I realized yesterday that it's the anniversary of when I found Violet, and I like how I say "found," like it'd be easy to miss a puppy that someone put in your car. Sure glad I "found" that puppy in the passenger seat! Oh, I missed it and then there was a puppy skeleton on the seat. How long had THAT been there?
I wish I'd remembered on time to go to the fire station yesterday and visit her. But maybe I should Botox first.
Firemen are very demanding about Botox. "I'd rescue you, but that WRINKLE. Gawd."

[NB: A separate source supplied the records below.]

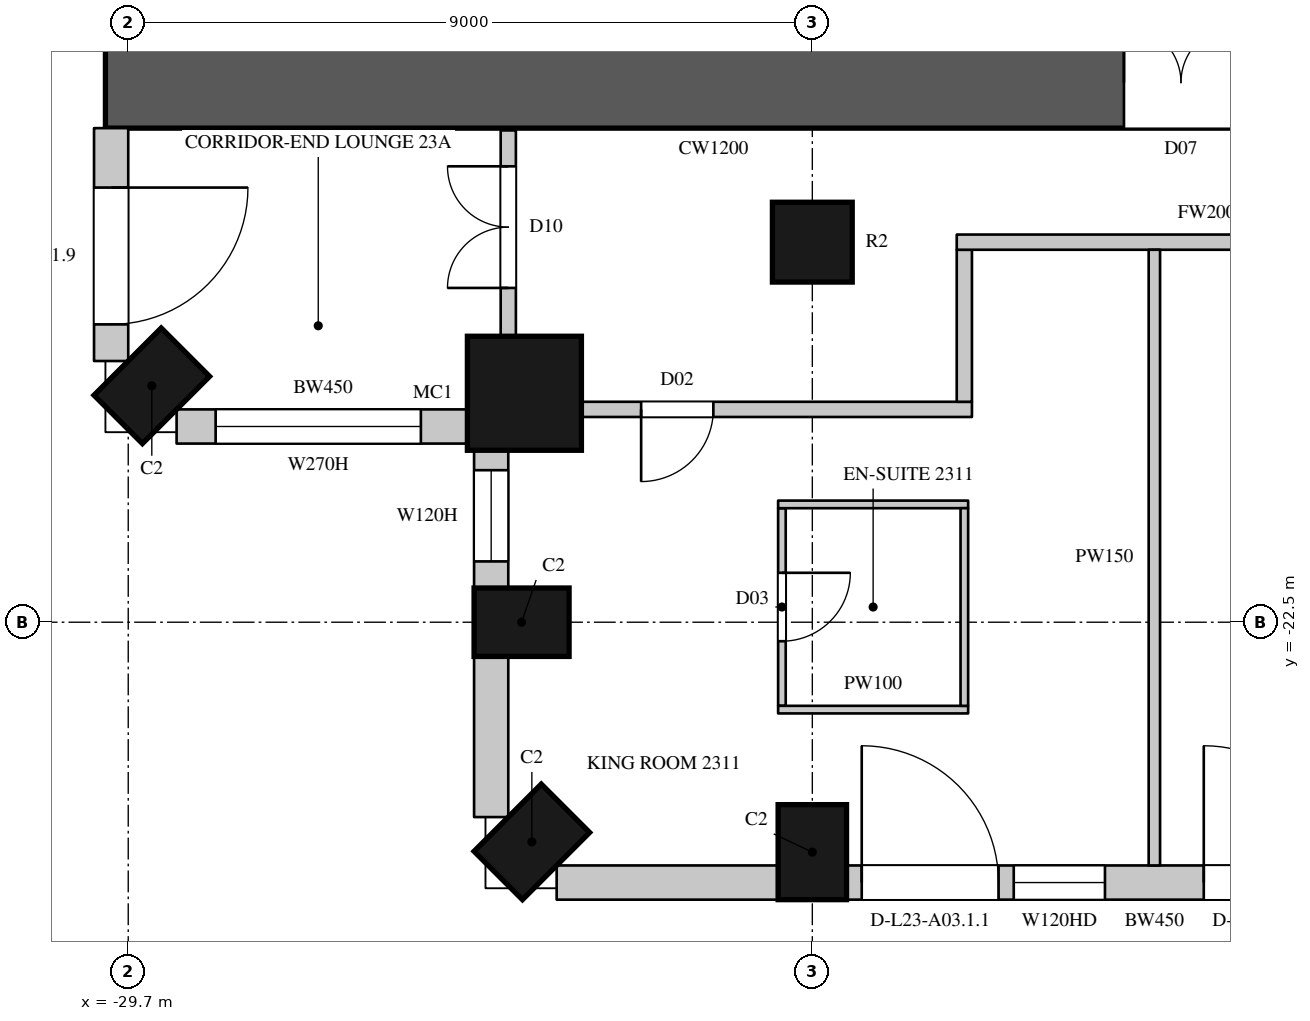
"""IFC4 building model, lengths in metres.
Left out: names, types, materials, properties, quantities, classifications, styles, units other than length and angle.
Written with IfcOpenShell. Run it as: python <this file> out.ifc"""

import sys

from ifc_helpers import new_model, si_unit, direction, frame, frame_2d, origin, origin_2d, place, context, subcontext, project, spatial, rectangle, circle, extrude, element, fill, save


model = new_model("IFC4")
c1 = context("Model", 3, precision=1e-05, world=origin(), true_north=direction((0.0, 1.0)))
c2 = subcontext(c1, "Body", "Model", "MODEL_VIEW")
j1 = project(units=[si_unit("LENGTHUNIT", "METRE"), si_unit("PLANEANGLEUNIT", "RADIAN")], contexts=[c1])
p1 = place(None, origin())
s1 = spatial("IfcSite", under=j1, at=p1, CompositionType="ELEMENT")
p2 = place(p1, origin())
s2 = spatial("IfcBuilding", under=s1, at=p2, CompositionType="ELEMENT")
p3 = place(p2, frame((0.0, 0.0, 113.1)))
s3 = spatial("IfcBuildingStorey", under=s2, at=p3, CompositionType="ELEMENT", Elevation=113.1)
p4 = place(p3, frame((-29.39, -19.39, 0.0), z_axis=(0.0, 0.0, 1.0), x_axis=(0.707106781187, -0.707106781187, 0.0)))
e1 = element("IfcColumn", 1, at=p4, inside=s3, PredefinedType="COLUMN", context=c2, shape_type="SweptSolid", body=[
    extrude(rectangle(XDim=0.9, YDim=1.25, at=origin_2d()), origin(), (0.0, 0.0, 1.0), 3.6),
])
p5 = place(p3, frame((-24.488, -19.488, 0.0), z_axis=(0.0, 0.0, 1.0), x_axis=(1.0, 0.0, 0.0)))
e2 = element("IfcColumn", 2, at=p5, inside=s3, PredefinedType="COLUMN", context=c2, shape_type="SweptSolid", body=[
    extrude(circle(Radius=0.75, at=origin_2d()), origin(), (0.0, 0.0, 1.0), 3.6),
])
for number, where, z_axis, x_axis in (
    (3, (-24.525, -22.5, 0.0), (0.0, 0.0, 1.0), (0.0, -1.0, 0.0)),
    (4, (-24.39, -25.39, 0.0), (0.0, 0.0, 1.0), (0.707, -0.707, 0.0)),
    (5, (-20.7, -25.525, 0.0), (0.0, 0.0, 1.0), (1.0, 0.0, 0.0)),
):
    element("IfcColumn", number, at=place(p3, frame(where, z_axis=z_axis, x_axis=x_axis)), inside=s3, PredefinedType="COLUMN", context=c2, shape_type="SweptSolid", body=[
        extrude(rectangle(XDim=0.9, YDim=1.25, at=origin_2d()), origin(), (0.0, 0.0, 1.0), 3.6),
    ])
p6 = place(p3, frame((-20.7, -17.5, 0.0), z_axis=(0.0, 0.0, 1.0), x_axis=(1.0, 0.0, 0.0)))
e6 = element("IfcColumn", 6, at=p6, inside=s3, PredefinedType="COLUMN", context=c2, shape_type="SweptSolid", body=[
    extrude(circle(Radius=0.525, at=origin_2d()), origin(), (0.0, 0.0, 1.0), 3.6),
])
p7 = place(p3, frame((-29.925, -16.0, 0.0), z_axis=(0.0, 0.0, 1.0), x_axis=(0.0, -1.0, 0.0)))
e7 = element("IfcWall", 7, at=p7, inside=s3, PredefinedType="SOLIDWALL", context=c2, shape_type="SweptSolid", body=[
    extrude(rectangle(XDim=3.064, YDim=0.45, at=frame_2d((1.532, 0.0))), origin(), (0.0, 0.0, 1.0), 3.3),
])
p8 = place(p7, frame((0.782, 0.0, 0.0)))
e8 = element("IfcOpeningElement", 8, at=p8, cuts=e7, PredefinedType="OPENING", context=c2, shape_type="SweptSolid", body=[
    extrude(rectangle(XDim=1.8, YDim=2.4, at=frame_2d((0.9, 1.2))), frame((0.0, 0.235, 0.0), z_axis=(0.0, -1.0, 0.0), x_axis=(1.0, 0.0, 0.0)), (0.0, 0.0, 1.0), 0.47),
])
p9 = place(p3, frame((-29.064, -19.925, 0.0), z_axis=(0.0, 0.0, 1.0), x_axis=(1.0, 0.0, 0.0)))
e9 = element("IfcWall", 9, at=p9, inside=s3, PredefinedType="SOLIDWALL", context=c2, shape_type="SweptSolid", body=[
    extrude(rectangle(XDim=3.857, YDim=0.45, at=frame_2d((1.928, 0.0))), origin(), (0.0, 0.0, 1.0), 3.3),
])
p10 = place(p9, frame((0.514, 0.0, 1.05)))
e10 = element("IfcOpeningElement", 10, at=p10, cuts=e9, PredefinedType="OPENING", context=c2, shape_type="SweptSolid", body=[
    extrude(rectangle(XDim=2.7, YDim=2.0, at=frame_2d((1.35, 1.0))), frame((0.0, 0.235, 0.0), z_axis=(0.0, -1.0, 0.0), x_axis=(1.0, 0.0, 0.0)), (0.0, 0.0, 1.0), 0.47),
])
p11 = place(p3, frame((-24.925, -20.207, 0.0), z_axis=(0.0, 0.0, 1.0), x_axis=(0.0, -1.0, 0.0)))
e11 = element("IfcWall", 11, at=p11, inside=s3, PredefinedType="SOLIDWALL", context=c2, shape_type="SweptSolid", body=[
    extrude(rectangle(XDim=1.843, YDim=0.45, at=frame_2d((0.921, 0.0))), origin(), (0.0, 0.0, 1.0), 3.3),
])
p12 = place(p11, frame((0.293, 0.0, 1.05)))
e12 = element("IfcOpeningElement", 12, at=p12, cuts=e11, PredefinedType="OPENING", context=c2, shape_type="SweptSolid", body=[
    extrude(rectangle(XDim=1.2, YDim=2.0, at=frame_2d((0.6, 1.0))), frame((0.0, 0.235, 0.0), z_axis=(0.0, -1.0, 0.0), x_axis=(1.0, 0.0, 0.0)), (0.0, 0.0, 1.0), 0.47),
])
p13 = place(p3, frame((-24.925, -22.95, 0.0), z_axis=(0.0, 0.0, 1.0), x_axis=(0.0, -1.0, 0.0)))
e13 = element("IfcWall", 13, at=p13, inside=s3, PredefinedType="SOLIDWALL", context=c2, shape_type="SweptSolid", body=[
    extrude(rectangle(XDim=2.114, YDim=0.45, at=frame_2d((1.057, 0.0))), origin(), (0.0, 0.0, 1.0), 3.3),
])
p14 = place(p3, frame((-24.064, -25.925, 0.0), z_axis=(0.0, 0.0, 1.0), x_axis=(1.0, 0.0, 0.0)))
e14 = element("IfcWall", 14, at=p14, inside=s3, PredefinedType="SOLIDWALL", context=c2, shape_type="SweptSolid", body=[
    extrude(rectangle(XDim=2.914, YDim=0.45, at=frame_2d((1.457, 0.0))), origin(), (0.0, 0.0, 1.0), 3.3),
])
p15 = place(p3, frame((-20.25, -25.925, 0.0), z_axis=(0.0, 0.0, 1.0), x_axis=(1.0, 0.0, 0.0)))
e15 = element("IfcWall", 15, at=p15, inside=s3, PredefinedType="SOLIDWALL", context=c2, shape_type="SweptSolid", body=[
    extrude(rectangle(XDim=8.1, YDim=0.45, at=frame_2d((4.05, 0.0))), origin(), (0.0, 0.0, 1.0), 3.3),
])
p16 = place(p15, frame((0.2, 0.0, 0.0)))
e16 = element("IfcOpeningElement", 16, at=p16, cuts=e15, PredefinedType="OPENING", context=c2, shape_type="SweptSolid", body=[
    extrude(rectangle(XDim=1.8, YDim=2.4, at=frame_2d((0.9, 1.2))), frame((0.0, 0.235, 0.0), z_axis=(0.0, -1.0, 0.0), x_axis=(1.0, 0.0, 0.0)), (0.0, 0.0, 1.0), 0.47),
])
p17 = place(p15, frame((2.2, 0.0, 1.05)))
e17 = element("IfcOpeningElement", 17, at=p17, cuts=e15, PredefinedType="OPENING", context=c2, shape_type="SweptSolid", body=[
    extrude(rectangle(XDim=1.2, YDim=2.0, at=frame_2d((0.6, 1.0))), frame((0.0, 0.235, 0.0), z_axis=(0.0, -1.0, 0.0), x_axis=(1.0, 0.0, 0.0)), (0.0, 0.0, 1.0), 0.47),
])
p18 = place(p15, frame((4.7, 0.0, 0.0)))
e18 = element("IfcOpeningElement", 18, at=p18, cuts=e15, PredefinedType="OPENING", context=c2, shape_type="SweptSolid", body=[
    extrude(rectangle(XDim=1.8, YDim=2.4, at=frame_2d((0.9, 1.2))), frame((0.0, 0.235, 0.0), z_axis=(0.0, -1.0, 0.0), x_axis=(1.0, 0.0, 0.0)), (0.0, 0.0, 1.0), 0.47),
])
p19 = place(p15, frame((6.7, 0.0, 1.05)))
e19 = element("IfcOpeningElement", 19, at=p19, cuts=e15, PredefinedType="OPENING", context=c2, shape_type="SweptSolid", body=[
    extrude(rectangle(XDim=1.2, YDim=2.0, at=frame_2d((0.6, 1.0))), frame((0.0, 0.235, 0.0), z_axis=(0.0, -1.0, 0.0), x_axis=(1.0, 0.0, 0.0)), (0.0, 0.0, 1.0), 0.47),
])
p20 = place(p3, frame((-30.0, -15.4, 0.0), z_axis=(0.0, 0.0, 1.0), x_axis=(1.0, 0.0, 0.0)))
e20 = element("IfcWall", 20, at=p20, inside=s3, PredefinedType="SHEAR", context=c2, shape_type="SweptSolid", body=[
    extrude(rectangle(XDim=16.0, YDim=1.2, at=frame_2d((8.0, 0.0))), origin(), (0.0, 0.0, 1.0), 3.6),
])
p21 = place(p20, frame((13.4, 0.0, 0.0)))
e21 = element("IfcOpeningElement", 21, at=p21, cuts=e20, PredefinedType="OPENING", context=c2, shape_type="SweptSolid", body=[
    extrude(rectangle(XDim=1.5, YDim=2.4, at=frame_2d((0.75, 1.2))), frame((0.0, 0.61, 0.0), z_axis=(0.0, -1.0, 0.0), x_axis=(1.0, 0.0, 0.0)), (0.0, 0.0, 1.0), 1.22),
])
p22 = place(p3, frame((-24.7, -18.752, 0.0), z_axis=(0.0, 0.0, 1.0), x_axis=(0.0, 1.0, 0.0)))
e22 = element("IfcWall", 22, at=p22, inside=s3, PredefinedType="PARTITIONING", context=c2, shape_type="SweptSolid", body=[
    extrude(rectangle(XDim=2.722, YDim=0.2, at=frame_2d((1.361, 0.0))), origin(), (0.0, 0.0, 1.0), 3.3),
])
p23 = place(p22, frame((0.65, 0.0, 0.0)))
e23 = element("IfcOpeningElement", 23, at=p23, cuts=e22, PredefinedType="OPENING", context=c2, shape_type="SweptSolid", body=[
    extrude(rectangle(XDim=1.6, YDim=2.4, at=frame_2d((0.8, 1.2))), frame((0.0, 0.11, 0.0), z_axis=(0.0, -1.0, 0.0), x_axis=(1.0, 0.0, 0.0)), (0.0, 0.0, 1.0), 0.22),
])
p24 = place(p3, frame((-23.752, -19.7, 0.0), z_axis=(0.0, 0.0, 1.0), x_axis=(1.0, 0.0, 0.0)))
e24 = element("IfcWall", 24, at=p24, inside=s3, PredefinedType="PARTITIONING", context=c2, shape_type="SweptSolid", body=[
    extrude(rectangle(XDim=5.152, YDim=0.2, at=frame_2d((2.576, 0.0))), origin(), (0.0, 0.0, 1.0), 3.3),
])
p25 = place(p24, frame((0.8, 0.0, 0.0)))
e25 = element("IfcOpeningElement", 25, at=p25, cuts=e24, PredefinedType="OPENING", context=c2, shape_type="SweptSolid", body=[
    extrude(rectangle(XDim=0.95, YDim=2.2, at=frame_2d((0.475, 1.1))), frame((0.0, 0.11, 0.0), z_axis=(0.0, -1.0, 0.0), x_axis=(1.0, 0.0, 0.0)), (0.0, 0.0, 1.0), 0.22),
])
p26 = place(p3, frame((-18.7, -19.6, 0.0), z_axis=(0.0, 0.0, 1.0), x_axis=(0.0, 1.0, 0.0)))
e26 = element("IfcWall", 26, at=p26, inside=s3, PredefinedType="PARTITIONING", context=c2, shape_type="SweptSolid", body=[
    extrude(rectangle(XDim=2.0, YDim=0.2, at=frame_2d((1.0, 0.0))), origin(), (0.0, 0.0, 1.0), 3.3),
])
p27 = place(p3, frame((-18.8, -17.5, 0.0), z_axis=(0.0, 0.0, 1.0), x_axis=(1.0, 0.0, 0.0)))
e27 = element("IfcWall", 27, at=p27, inside=s3, PredefinedType="PARTITIONING", context=c2, shape_type="SweptSolid", body=[
    extrude(rectangle(XDim=6.575, YDim=0.2, at=frame_2d((3.288, 0.0))), origin(), (0.0, 0.0, 1.0), 2.75),
])
p28 = place(p27, frame((3.85, 0.0, 0.0)))
e28 = element("IfcOpeningElement", 28, at=p28, cuts=e27, PredefinedType="OPENING", context=c2, shape_type="SweptSolid", body=[
    extrude(rectangle(XDim=1.1, YDim=2.4, at=frame_2d((0.55, 1.2))), frame((0.0, 0.11, 0.0), z_axis=(0.0, -1.0, 0.0), x_axis=(1.0, 0.0, 0.0)), (0.0, 0.0, 1.0), 0.22),
])
p29 = place(p3, frame((-16.2, -25.7, 0.0), z_axis=(0.0, 0.0, 1.0), x_axis=(0.0, 1.0, 0.0)))
e29 = element("IfcWall", 29, at=p29, inside=s3, PredefinedType="PARTITIONING", context=c2, shape_type="SweptSolid", body=[
    extrude(rectangle(XDim=8.1, YDim=0.15, at=frame_2d((4.05, 0.0))), origin(), (0.0, 0.0, 1.0), 2.65),
])
p30 = place(p3, frame((-21.1, -23.6, 0.0), z_axis=(0.0, 0.0, 1.0), x_axis=(0.0, 1.0, 0.0)))
e30 = element("IfcWall", 30, at=p30, inside=s3, PredefinedType="PARTITIONING", context=c2, shape_type="SweptSolid", body=[
    extrude(rectangle(XDim=2.6, YDim=0.1, at=frame_2d((1.3, 0.0))), origin(), (0.0, 0.0, 1.0), 3.3),
])
p31 = place(p30, frame((0.85, 0.0, 0.0)))
e31 = element("IfcOpeningElement", 31, at=p31, cuts=e30, PredefinedType="OPENING", context=c2, shape_type="SweptSolid", body=[
    extrude(rectangle(XDim=0.9, YDim=2.2, at=frame_2d((0.45, 1.1))), frame((0.0, 0.06, 0.0), z_axis=(0.0, -1.0, 0.0), x_axis=(1.0, 0.0, 0.0)), (0.0, 0.0, 1.0), 0.12),
])
for number, where, z_axis, x_axis in (
    (32, (-21.15, -23.65, 0.0), (0.0, 0.0, 1.0), (1.0, 0.0, 0.0)),
    (33, (-21.15, -20.95, 0.0), (0.0, 0.0, 1.0), (1.0, 0.0, 0.0)),
):
    element("IfcWall", number, at=place(p3, frame(where, z_axis=z_axis, x_axis=x_axis)), inside=s3, PredefinedType="PARTITIONING", context=c2, shape_type="SweptSolid", body=[
        extrude(rectangle(XDim=2.5, YDim=0.1, at=frame_2d((1.25, 0.0))), origin(), (0.0, 0.0, 1.0), 3.3),
    ])
p32 = place(p3, frame((-18.7, -23.6, 0.0), z_axis=(0.0, 0.0, 1.0), x_axis=(0.0, 1.0, 0.0)))
e34 = element("IfcWall", 34, at=p32, inside=s3, PredefinedType="PARTITIONING", context=c2, shape_type="SweptSolid", body=[
    extrude(rectangle(XDim=2.6, YDim=0.1, at=frame_2d((1.3, 0.0))), origin(), (0.0, 0.0, 1.0), 3.3),
])
p33 = place(p8, origin())
e35 = element("IfcDoor", 35, at=p33, inside=s3, OperationType="SLIDING_TO_LEFT", PredefinedType="DOOR", context=c2, shape_type="SweptSolid", body=[
    extrude(rectangle(XDim=1.8, YDim=2.4, at=frame_2d((0.9, 1.2))), frame((0.0, 0.13, 0.0), z_axis=(0.0, -1.0, 0.0), x_axis=(1.0, 0.0, 0.0)), (0.0, 0.0, 1.0), 0.05),
])
fill(e8, e35)
p34 = place(p10, origin())
e36 = element("IfcWindow", 36, at=p34, inside=s3, PartitioningType="SINGLE_PANEL", PredefinedType="WINDOW", context=c2, shape_type="SweptSolid", body=[
    extrude(rectangle(XDim=2.7, YDim=2.0, at=frame_2d((1.35, 1.0))), frame((0.0, 0.135, 0.0), z_axis=(0.0, -1.0, 0.0), x_axis=(1.0, 0.0, 0.0)), (0.0, 0.0, 1.0), 0.06),
])
fill(e10, e36)
p35 = place(p12, origin())
e37 = element("IfcWindow", 37, at=p35, inside=s3, PartitioningType="SINGLE_PANEL", PredefinedType="WINDOW", context=c2, shape_type="SweptSolid", body=[
    extrude(rectangle(XDim=1.2, YDim=2.0, at=frame_2d((0.6, 1.0))), frame((0.0, 0.135, 0.0), z_axis=(0.0, -1.0, 0.0), x_axis=(1.0, 0.0, 0.0)), (0.0, 0.0, 1.0), 0.06),
])
fill(e12, e37)
p36 = place(p16, origin())
e38 = element("IfcDoor", 38, at=p36, inside=s3, OperationType="SLIDING_TO_LEFT", PredefinedType="DOOR", context=c2, shape_type="SweptSolid", body=[
    extrude(rectangle(XDim=1.8, YDim=2.4, at=frame_2d((0.9, 1.2))), frame((0.0, 0.13, 0.0), z_axis=(0.0, -1.0, 0.0), x_axis=(1.0, 0.0, 0.0)), (0.0, 0.0, 1.0), 0.05),
])
fill(e16, e38)
p37 = place(p17, origin())
e39 = element("IfcWindow", 39, at=p37, inside=s3, PartitioningType="SINGLE_PANEL", PredefinedType="WINDOW", context=c2, shape_type="SweptSolid", body=[
    extrude(rectangle(XDim=1.2, YDim=2.0, at=frame_2d((0.6, 1.0))), frame((0.0, 0.135, 0.0), z_axis=(0.0, -1.0, 0.0), x_axis=(1.0, 0.0, 0.0)), (0.0, 0.0, 1.0), 0.06),
])
fill(e17, e39)
p38 = place(p18, origin())
e40 = element("IfcDoor", 40, at=p38, inside=s3, OperationType="SLIDING_TO_LEFT", PredefinedType="DOOR", context=c2, shape_type="SweptSolid", body=[
    extrude(rectangle(XDim=1.8, YDim=2.4, at=frame_2d((0.9, 1.2))), frame((0.0, 0.13, 0.0), z_axis=(0.0, -1.0, 0.0), x_axis=(1.0, 0.0, 0.0)), (0.0, 0.0, 1.0), 0.05),
])
fill(e18, e40)
p39 = place(p23, origin())
e41 = element("IfcDoor", 41, at=p39, inside=s3, OperationType="DOUBLE_DOOR_SINGLE_SWING", PredefinedType="DOOR", context=c2, shape_type="SweptSolid", body=[
    extrude(rectangle(XDim=1.6, YDim=2.4, at=frame_2d((0.8, 1.2))), frame((0.0, 0.025, 0.0), z_axis=(0.0, -1.0, 0.0), x_axis=(1.0, 0.0, 0.0)), (0.0, 0.0, 1.0), 0.05),
])
fill(e23, e41)
p40 = place(p25, origin())
e42 = element("IfcDoor", 42, at=p40, inside=s3, OperationType="SINGLE_SWING_RIGHT", PredefinedType="DOOR", context=c2, shape_type="SweptSolid", body=[
    extrude(rectangle(XDim=0.95, YDim=2.2, at=frame_2d((0.475, 1.1))), frame((0.0, 0.025, 0.0), z_axis=(0.0, -1.0, 0.0), x_axis=(1.0, 0.0, 0.0)), (0.0, 0.0, 1.0), 0.05),
])
fill(e25, e42)
p41 = place(p31, origin())
e43 = element("IfcDoor", 43, at=p41, inside=s3, OperationType="SINGLE_SWING_LEFT", PredefinedType="DOOR", context=c2, shape_type="SweptSolid", body=[
    extrude(rectangle(XDim=0.9, YDim=2.2, at=frame_2d((0.45, 1.1))), frame((0.0, 0.025, 0.0), z_axis=(0.0, -1.0, 0.0), x_axis=(1.0, 0.0, 0.0)), (0.0, 0.0, 1.0), 0.05),
])
fill(e31, e43)
p42 = place(p21, origin())
e44 = element("IfcDoor", 44, at=p42, inside=s3, OperationType="DOUBLE_DOOR_SINGLE_SWING", PredefinedType="DOOR", context=c2, shape_type="SweptSolid", body=[
    extrude(rectangle(XDim=1.5, YDim=2.4, at=frame_2d((0.75, 1.2))), frame((0.0, 0.025, 0.0), z_axis=(0.0, -1.0, 0.0), x_axis=(1.0, 0.0, 0.0)), (0.0, 0.0, 1.0), 0.05),
])
fill(e21, e44)
save(model, sys.argv[1])

Anyway, how is everyone? I have a coworker who keeps checking in to ask how I am on a scale of 1-10. Lately I've been a 4, but the other day I was a 7. So. You can't complain about 7. Have I ever told you about how I found my high school boyfriend Cardinal's book, where he rated all his girlfriends? He had approximately 406 girlfriends in high school. He gave this one girl, Carmelita, a 9, which really pissed me off. She was no 9; he just really liked her. He gave the girl who became homecoming queen a 9.5, which, okay, I can deal with that.
I got a 7.5. I harumphed about it for a minute, then remembered my hair, and said, okay yeah. He's accurate. Fucker.
Ned texted me to say the dogs are really sad, and that the cats don't give a shit. He's been letting them upstairs, away from what he calls "Boxlandia" downstairs. If I could just visit them and not see Ned, I'd do it. But they can't, you know, take a cab over. He leaves town for work soon, and then I get to be with my dogs when he's gone. The cats, too, but did I mention they don't give a shit?
Oh and everyone be sure to give me advice on how I can see them. Be sure to say things like, "Maybe he could go and you could visit them." Because I won't be a crazy person over there at my old house. I won't be checking for condoms in the trash and bras on the light fixtures or anything. No. I'll just calmly attend my old house like a perfectly sane individual.
When Marvin left, I wouldn't let him tell me his new address, and I blocked him on Facebook so I couldn't look at his page and wonder WHO IS THIS WOMAN HE'S TALKING TO?! And it worked. I was unable to obsess and so I didn't.
Do you do that? Obsess for awhile? I've actually been pretty good with it so far this time. I've been able to just think about the here and now, and not who Ned's banging, which could also be in the here and now, but not really because he needed to be at work three minutes ago. So.
What if I never meet anyone again who I like having sex with? What if that was it? My quota is filled. Oh, I have an idea. Tell me today who you had the best sex with. Mom, do not play. All my old boyfriends better check in with an enthusiastic, "Oh, YOU, June. Hands down, so to speak."
Ned asked before I left if we could meet once a month for the rest of our lives and have sex. Even if we meet new people. "I'm sorry, I have an appointment tonight." That sounds reasonable. Wouldn't it be wonderful if you could cafeteria plan your exes, and put in the "great talker" from this guy, the "stupidly good sex" from that one, the good living from another, and Frankenstein you a whole perfect man?
I have to go. The commute from this house is 19 minutes, and it's 8:07. WILLLLL June make it to work on time? Will JUUUUUUUNE be late? TUUUUUUUUNE in tomorrow for more Adventures of Junnnnne!